Hi evertone from the comunity.
I am a beginner on data analysis in general and I have this project to do and I hope someone could give me some advice.
The project consists of modelling counting data with a Poisson regression model and make point estimate the paramaters of the model using Metropolis-Hastings algorithm using pymc3 library.
The dataset that I have to use is a very simple one. It’s about observations of Insurance Motor Third Party Claims (both frequenct and severity). I’ll link the full description of the dataset below.
https://search.r-project.org/CRAN/refmans/GLMsData/html/motorins.html
There are two issues that I am dealing with:
-
Do I have to do some preprocessing step before running the algorithm? If so, how do I do it?
-
I built a model following the Poisson regression model in the example section, but still the the algorithm is too slow. How I can improve performance?
Here is the code I used until now:
import arviz as az
import bambi as bmb
import matplotlib.pyplot as plt
import numpy as np
import pandas as pd
import pymc3 as pm
import seaborn as sns
import theano
import theano.tensor as tt
import xarray as xr
from formulae import design_matrices
print(f"Running on PyMC3 v{pm.__version__}")
print(f"Running on Arviz v{az.__version__}")
df = pd.read_csv('SwedishMotorInsurance.csv')
df.head()
df['Rate']=df['Claims']/df['Insured']
fml = "linear ~ Kilometres + Zone + Bonus + Make"
df_1=df[['linear','Kilometres','Zone','Bonus','Make']]
dm = design_matrices(fml, df_1, na_action="error")
mx_ex = dm.common.as_dataframe()
mx_en = dm.response.as_dataframe()
with pm.Model() as model:
# define priors, weakly informative Normal
b0 = pm.Normal("Intercept", mu=0, sigma=10)
b1 = pm.Normal("Kilometres", mu=0, sigma=10)

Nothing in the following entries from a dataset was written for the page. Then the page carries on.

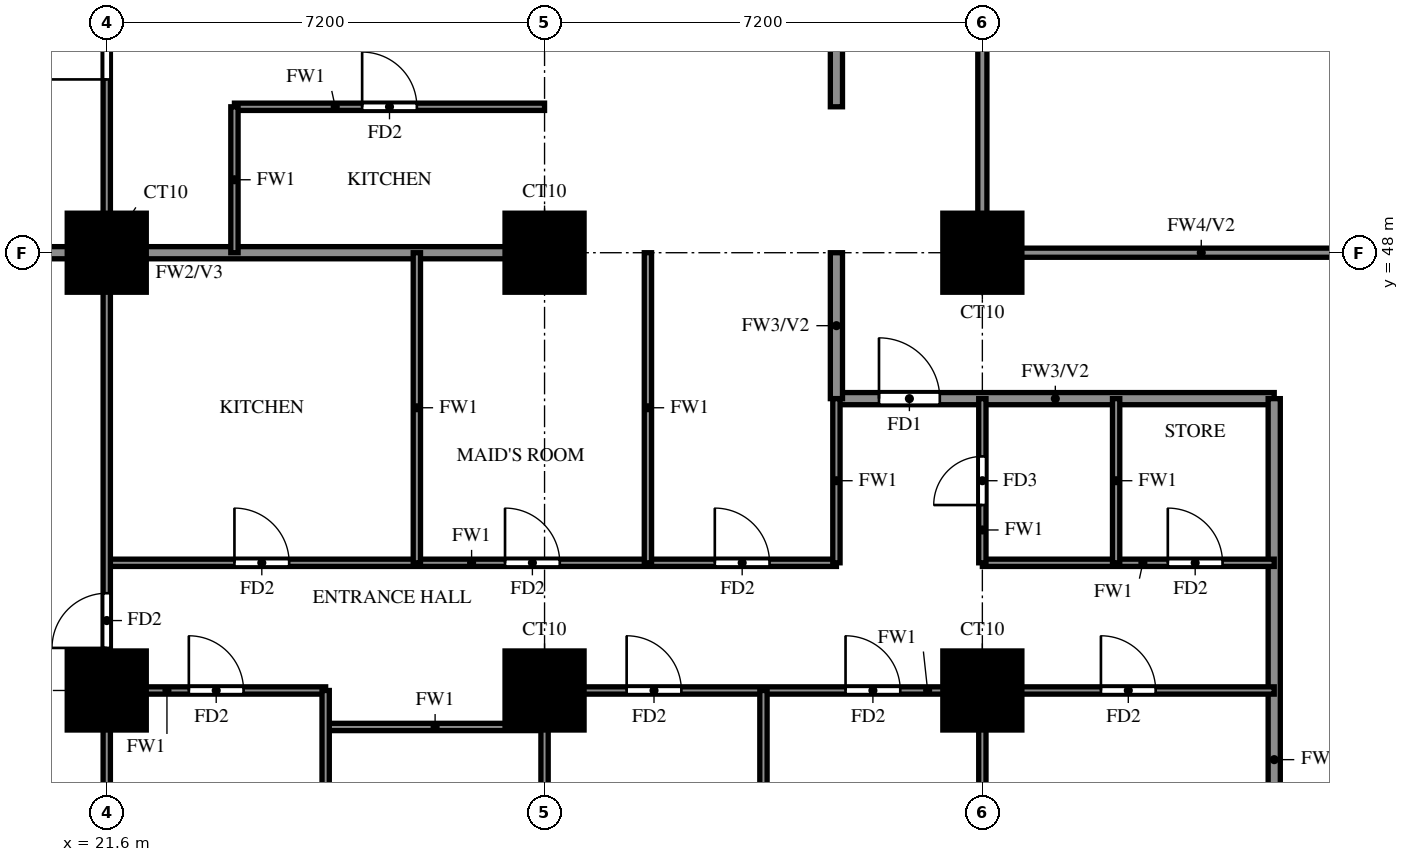
"""IFC4 building model, lengths in metres.
Left out: names, types, materials, properties, quantities, classifications, styles, units other than length and angle.
Written with IfcOpenShell. Run it as: python <this file> out.ifc"""

import sys

from ifc_helpers import new_model, si_unit, direction, frame, frame_2d, origin, origin_2d, place, context, subcontext, project, spatial, rectangle, extrude, source, transform, mapped, element, fill, save


model = new_model("IFC4")
c1 = context("Model", 3, precision=1e-05, world=origin(), true_north=direction((0.0, 1.0)))
c2 = subcontext(c1, "Body", "Model", "MODEL_VIEW")
j1 = project(units=[si_unit("LENGTHUNIT", "METRE"), si_unit("PLANEANGLEUNIT", "RADIAN")], contexts=[c1])
p1 = place(None, origin())
s1 = spatial("IfcSite", under=j1, at=p1, CompositionType="ELEMENT")
p2 = place(p1, origin())
s2 = spatial("IfcBuilding", under=s1, at=p2, CompositionType="ELEMENT")
p3 = place(p2, frame((0.0, 0.0, 79.5)))
s3 = spatial("IfcBuildingStorey", under=s2, at=p3, CompositionType="ELEMENT", Elevation=79.5)
m1 = source(origin(), c2, "Body", "SweptSolid", [
    extrude(rectangle(XDim=1.3, YDim=1.3, at=origin_2d()), origin(), (0.0, 0.0, 1.0), 3.18),
])
for number, where, z_axis, x_axis in (
    (1, (21.6, 40.8, 0.0), (0.0, 0.0, 1.0), (1.0, 0.0, 0.0)),
    (2, (28.8, 40.8, 0.0), (0.0, 0.0, 1.0), (1.0, 0.0, 0.0)),
    (3, (36.0, 40.8, 0.0), (0.0, 0.0, 1.0), (1.0, 0.0, 0.0)),
    (4, (21.6, 48.0, 0.0), (0.0, 0.0, 1.0), (1.0, 0.0, 0.0)),
    (5, (28.8, 48.0, 0.0), (0.0, 0.0, 1.0), (1.0, 0.0, 0.0)),
    (6, (36.0, 48.0, 0.0), (0.0, 0.0, 1.0), (1.0, 0.0, 0.0)),
):
    element("IfcColumn", number, at=place(p3, frame(where, z_axis=z_axis, x_axis=x_axis)), inside=s3, PredefinedType="COLUMN", context=c2, shape_type="MappedRepresentation", body=[
        mapped(m1, transform((0.0, 0.0, 0.0))),
    ])
p4 = place(p3, frame((33.6, 45.6, 0.0), z_axis=(0.0, 0.0, 1.0), x_axis=(1.0, 0.0, 0.0)))
e7 = element("IfcWall", 7, at=p4, inside=s3, PredefinedType="SOLIDWALL", context=c2, shape_type="SweptSolid", body=[
    extrude(rectangle(XDim=7.2, YDim=0.2, at=frame_2d((3.6, 0.0))), origin(), (0.0, 0.0, 1.0), 3.18),
])
p5 = place(p4, frame((0.7, 0.0, 0.0)))
e8 = element("IfcOpeningElement", 8, at=p5, cuts=e7, PredefinedType="OPENING", context=c2, shape_type="SweptSolid", body=[
    extrude(rectangle(XDim=1.0, YDim=2.1, at=frame_2d((0.5, 1.05))), frame((0.0, 0.11, 0.0), z_axis=(0.0, -1.0, 0.0), x_axis=(1.0, 0.0, 0.0)), (0.0, 0.0, 1.0), 0.22),
])
p6 = place(p3, frame((33.6, 45.6, 0.0), z_axis=(0.0, 0.0, 1.0), x_axis=(0.0, 1.0, 0.0)))
e9 = element("IfcWall", 9, at=p6, inside=s3, PredefinedType="SOLIDWALL", context=c2, shape_type="SweptSolid", body=[
    extrude(rectangle(XDim=2.4, YDim=0.2, at=frame_2d((1.2, 0.0))), origin(), (0.0, 0.0, 1.0), 3.18),
])
p7 = place(p3, frame((33.6, 50.4, 0.0), z_axis=(0.0, 0.0, 1.0), x_axis=(0.0, 1.0, 0.0)))
e10 = element("IfcWall", 10, at=p7, inside=s3, PredefinedType="SOLIDWALL", context=c2, shape_type="SweptSolid", body=[
    extrude(rectangle(XDim=9.6, YDim=0.2, at=frame_2d((4.8, 0.0))), origin(), (0.0, 0.0, 1.0), 3.18),
])
p8 = place(p3, frame((40.8, 33.725, 0.0), z_axis=(0.0, 0.0, 1.0), x_axis=(0.0, 1.0, 0.0)))
e11 = element("IfcWall", 11, at=p8, inside=s3, PredefinedType="SOLIDWALL", context=c2, shape_type="SweptSolid", body=[
    extrude(rectangle(XDim=11.875, YDim=0.2, at=frame_2d((5.938, 0.0))), origin(), (0.0, 0.0, 1.0), 2.28),
])
p9 = place(p3, frame((14.525, 48.0, 0.0), z_axis=(0.0, 0.0, 1.0), x_axis=(1.0, 0.0, 0.0)))
e12 = element("IfcWall", 12, at=p9, inside=s3, PredefinedType="SOLIDWALL", context=c2, shape_type="SweptSolid", body=[
    extrude(rectangle(XDim=14.275, YDim=0.2, at=frame_2d((7.138, 0.0))), origin(), (0.0, 0.0, 1.0), 3.18),
])
p10 = place(p3, frame((25.2, 40.2, 0.0), z_axis=(0.0, 0.0, 1.0), x_axis=(1.0, 0.0, 0.0)))
e13 = element("IfcWall", 13, at=p10, inside=s3, PredefinedType="PARTITIONING", context=c2, shape_type="SweptSolid", body=[
    extrude(rectangle(XDim=3.6, YDim=0.12, at=frame_2d((1.8, 0.0))), origin(), (0.0, 0.0, 1.0), 3.18),
])
p11 = place(p3, frame((21.6, 40.8, 0.0), z_axis=(0.0, 0.0, 1.0), x_axis=(1.0, 0.0, 0.0)))
e14 = element("IfcWall", 14, at=p11, inside=s3, PredefinedType="PARTITIONING", context=c2, shape_type="SweptSolid", body=[
    extrude(rectangle(XDim=3.6, YDim=0.12, at=frame_2d((1.8, 0.0))), origin(), (0.0, 0.0, 1.0), 3.18),
])
p12 = place(p11, frame((1.35, 0.0, 0.0)))
e15 = element("IfcOpeningElement", 15, at=p12, cuts=e14, PredefinedType="OPENING", context=c2, shape_type="SweptSolid", body=[
    extrude(rectangle(XDim=0.9, YDim=2.1, at=frame_2d((0.45, 1.05))), frame((0.0, 0.07, 0.0), z_axis=(0.0, -1.0, 0.0), x_axis=(1.0, 0.0, 0.0)), (0.0, 0.0, 1.0), 0.14),
])
p13 = place(p3, frame((28.8, 40.8, 0.0), z_axis=(0.0, 0.0, 1.0), x_axis=(1.0, 0.0, 0.0)))
e16 = element("IfcWall", 16, at=p13, inside=s3, PredefinedType="PARTITIONING", context=c2, shape_type="SweptSolid", body=[
    extrude(rectangle(XDim=12.0, YDim=0.12, at=frame_2d((6.0, 0.0))), origin(), (0.0, 0.0, 1.0), 3.18),
])
p14 = place(p13, frame((1.35, 0.0, 0.0)))
e17 = element("IfcOpeningElement", 17, at=p14, cuts=e16, PredefinedType="OPENING", context=c2, shape_type="SweptSolid", body=[
    extrude(rectangle(XDim=0.9, YDim=2.1, at=frame_2d((0.45, 1.05))), frame((0.0, 0.07, 0.0), z_axis=(0.0, -1.0, 0.0), x_axis=(1.0, 0.0, 0.0)), (0.0, 0.0, 1.0), 0.14),
])
p15 = place(p13, frame((4.95, 0.0, 0.0)))
e18 = element("IfcOpeningElement", 18, at=p15, cuts=e16, PredefinedType="OPENING", context=c2, shape_type="SweptSolid", body=[
    extrude(rectangle(XDim=0.9, YDim=2.1, at=frame_2d((0.45, 1.05))), frame((0.0, 0.07, 0.0), z_axis=(0.0, -1.0, 0.0), x_axis=(1.0, 0.0, 0.0)), (0.0, 0.0, 1.0), 0.14),
])
p16 = place(p13, frame((9.15, 0.0, 0.0)))
e19 = element("IfcOpeningElement", 19, at=p16, cuts=e16, PredefinedType="OPENING", context=c2, shape_type="SweptSolid", body=[
    extrude(rectangle(XDim=0.9, YDim=2.1, at=frame_2d((0.45, 1.05))), frame((0.0, 0.07, 0.0), z_axis=(0.0, -1.0, 0.0), x_axis=(1.0, 0.0, 0.0)), (0.0, 0.0, 1.0), 0.14),
])
p17 = place(p3, frame((21.6, 42.9, 0.0), z_axis=(0.0, 0.0, 1.0), x_axis=(1.0, 0.0, 0.0)))
e20 = element("IfcWall", 20, at=p17, inside=s3, PredefinedType="PARTITIONING", context=c2, shape_type="SweptSolid", body=[
    extrude(rectangle(XDim=12.0, YDim=0.12, at=frame_2d((6.0, 0.0))), origin(), (0.0, 0.0, 1.0), 3.18),
])
p18 = place(p17, frame((2.1, 0.0, 0.0)))
e21 = element("IfcOpeningElement", 21, at=p18, cuts=e20, PredefinedType="OPENING", context=c2, shape_type="SweptSolid", body=[
    extrude(rectangle(XDim=0.9, YDim=2.1, at=frame_2d((0.45, 1.05))), frame((0.0, 0.07, 0.0), z_axis=(0.0, -1.0, 0.0), x_axis=(1.0, 0.0, 0.0)), (0.0, 0.0, 1.0), 0.14),
])
p19 = place(p17, frame((6.55, 0.0, 0.0)))
e22 = element("IfcOpeningElement", 22, at=p19, cuts=e20, PredefinedType="OPENING", context=c2, shape_type="SweptSolid", body=[
    extrude(rectangle(XDim=0.9, YDim=2.1, at=frame_2d((0.45, 1.05))), frame((0.0, 0.07, 0.0), z_axis=(0.0, -1.0, 0.0), x_axis=(1.0, 0.0, 0.0)), (0.0, 0.0, 1.0), 0.14),
])
p20 = place(p17, frame((10.0, 0.0, 0.0)))
e23 = element("IfcOpeningElement", 23, at=p20, cuts=e20, PredefinedType="OPENING", context=c2, shape_type="SweptSolid", body=[
    extrude(rectangle(XDim=0.9, YDim=2.1, at=frame_2d((0.45, 1.05))), frame((0.0, 0.07, 0.0), z_axis=(0.0, -1.0, 0.0), x_axis=(1.0, 0.0, 0.0)), (0.0, 0.0, 1.0), 0.14),
])
p21 = place(p3, frame((36.0, 42.9, 0.0), z_axis=(0.0, 0.0, 1.0), x_axis=(1.0, 0.0, 0.0)))
e24 = element("IfcWall", 24, at=p21, inside=s3, PredefinedType="PARTITIONING", context=c2, shape_type="SweptSolid", body=[
    extrude(rectangle(XDim=4.8, YDim=0.12, at=frame_2d((2.4, 0.0))), origin(), (0.0, 0.0, 1.0), 3.18),
])
p22 = place(p21, frame((3.05, 0.0, 0.0)))
e25 = element("IfcOpeningElement", 25, at=p22, cuts=e24, PredefinedType="OPENING", context=c2, shape_type="SweptSolid", body=[
    extrude(rectangle(XDim=0.9, YDim=2.1, at=frame_2d((0.45, 1.05))), frame((0.0, 0.07, 0.0), z_axis=(0.0, -1.0, 0.0), x_axis=(1.0, 0.0, 0.0)), (0.0, 0.0, 1.0), 0.14),
])
p23 = place(p3, frame((23.7, 50.4, 0.0), z_axis=(0.0, 0.0, 1.0), x_axis=(1.0, 0.0, 0.0)))
e26 = element("IfcWall", 26, at=p23, inside=s3, PredefinedType="PARTITIONING", context=c2, shape_type="SweptSolid", body=[
    extrude(rectangle(XDim=5.1, YDim=0.12, at=frame_2d((2.55, 0.0))), origin(), (0.0, 0.0, 1.0), 3.18),
])
p24 = place(p23, frame((2.1, 0.0, 0.0)))
e27 = element("IfcOpeningElement", 27, at=p24, cuts=e26, PredefinedType="OPENING", context=c2, shape_type="SweptSolid", body=[
    extrude(rectangle(XDim=0.9, YDim=2.1, at=frame_2d((0.45, 1.05))), frame((0.0, 0.07, 0.0), z_axis=(0.0, -1.0, 0.0), x_axis=(1.0, 0.0, 0.0)), (0.0, 0.0, 1.0), 0.14),
])
p25 = place(p3, frame((21.6, 33.725, 0.0), z_axis=(0.0, 0.0, 1.0), x_axis=(0.0, 1.0, 0.0)))
e28 = element("IfcWall", 28, at=p25, inside=s3, PredefinedType="PARTITIONING", context=c2, shape_type="SweptSolid", body=[
    extrude(rectangle(XDim=39.475, YDim=0.12, at=frame_2d((19.737, 0.0))), origin(), (0.0, 0.0, 1.0), 3.18),
])
p26 = place(p25, frame((7.775, 0.0, 0.0)))
e29 = element("IfcOpeningElement", 29, at=p26, cuts=e28, PredefinedType="OPENING", context=c2, shape_type="SweptSolid", body=[
    extrude(rectangle(XDim=0.9, YDim=2.1, at=frame_2d((0.45, 1.05))), frame((0.0, 0.07, 0.0), z_axis=(0.0, -1.0, 0.0), x_axis=(1.0, 0.0, 0.0)), (0.0, 0.0, 1.0), 0.14),
])
p27 = place(p25, frame((17.125, 0.0, 0.0)))
e30 = element("IfcOpeningElement", 30, at=p27, cuts=e28, PredefinedType="OPENING", context=c2, shape_type="SweptSolid", body=[
    extrude(rectangle(XDim=1.5, YDim=2.1, at=frame_2d((0.75, 1.05))), frame((0.0, 0.07, 0.0), z_axis=(0.0, -1.0, 0.0), x_axis=(1.0, 0.0, 0.0)), (0.0, 0.0, 1.0), 0.14),
])
p28 = place(p25, frame((22.825, 0.0, 0.0)))
e31 = element("IfcOpeningElement", 31, at=p28, cuts=e28, PredefinedType="OPENING", context=c2, shape_type="SweptSolid", body=[
    extrude(rectangle(XDim=0.9, YDim=2.1, at=frame_2d((0.45, 1.05))), frame((0.0, 0.07, 0.0), z_axis=(0.0, -1.0, 0.0), x_axis=(1.0, 0.0, 0.0)), (0.0, 0.0, 1.0), 0.14),
])
p29 = place(p25, frame((26.425, 0.0, 0.0)))
e32 = element("IfcOpeningElement", 32, at=p29, cuts=e28, PredefinedType="OPENING", context=c2, shape_type="SweptSolid", body=[
    extrude(rectangle(XDim=0.9, YDim=2.1, at=frame_2d((0.45, 1.05))), frame((0.0, 0.07, 0.0), z_axis=(0.0, -1.0, 0.0), x_axis=(1.0, 0.0, 0.0)), (0.0, 0.0, 1.0), 0.14),
])
p30 = place(p25, frame((30.025, 0.0, 0.0)))
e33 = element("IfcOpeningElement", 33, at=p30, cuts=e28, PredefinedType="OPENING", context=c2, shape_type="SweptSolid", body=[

b2 = pm.Normal("Zone", mu=0, sigma=10)
b3 = pm.Normal("Bonus", mu=0, sigma=10)
b4 = pm.Normal("Make", mu=0, sigma=10)
# define linear model and exp link function
theta = (
b0
+ b1 * mx_ex["Kilometres"].values
+ b2 * mx_ex["Zone"].values
+ b3 * mx_ex["Bonus"].values
+ b4 * mx_ex["Make"].values
)
## Define Poisson likelihood
y = pm.Poisson("y", mu=tt.exp(theta), observed=mx_en["linear"].values)
with model:
trace = pm.sample(draws=5000, tune=500, cores=4, random_seed=45, step=pm.Metropolis())
pm.summary(trace)
How would you modify it?
Here is the dataset file.
SwedishMotorInsurance.csv (49.6 KB)
Hope this would be useful for other beginners like me.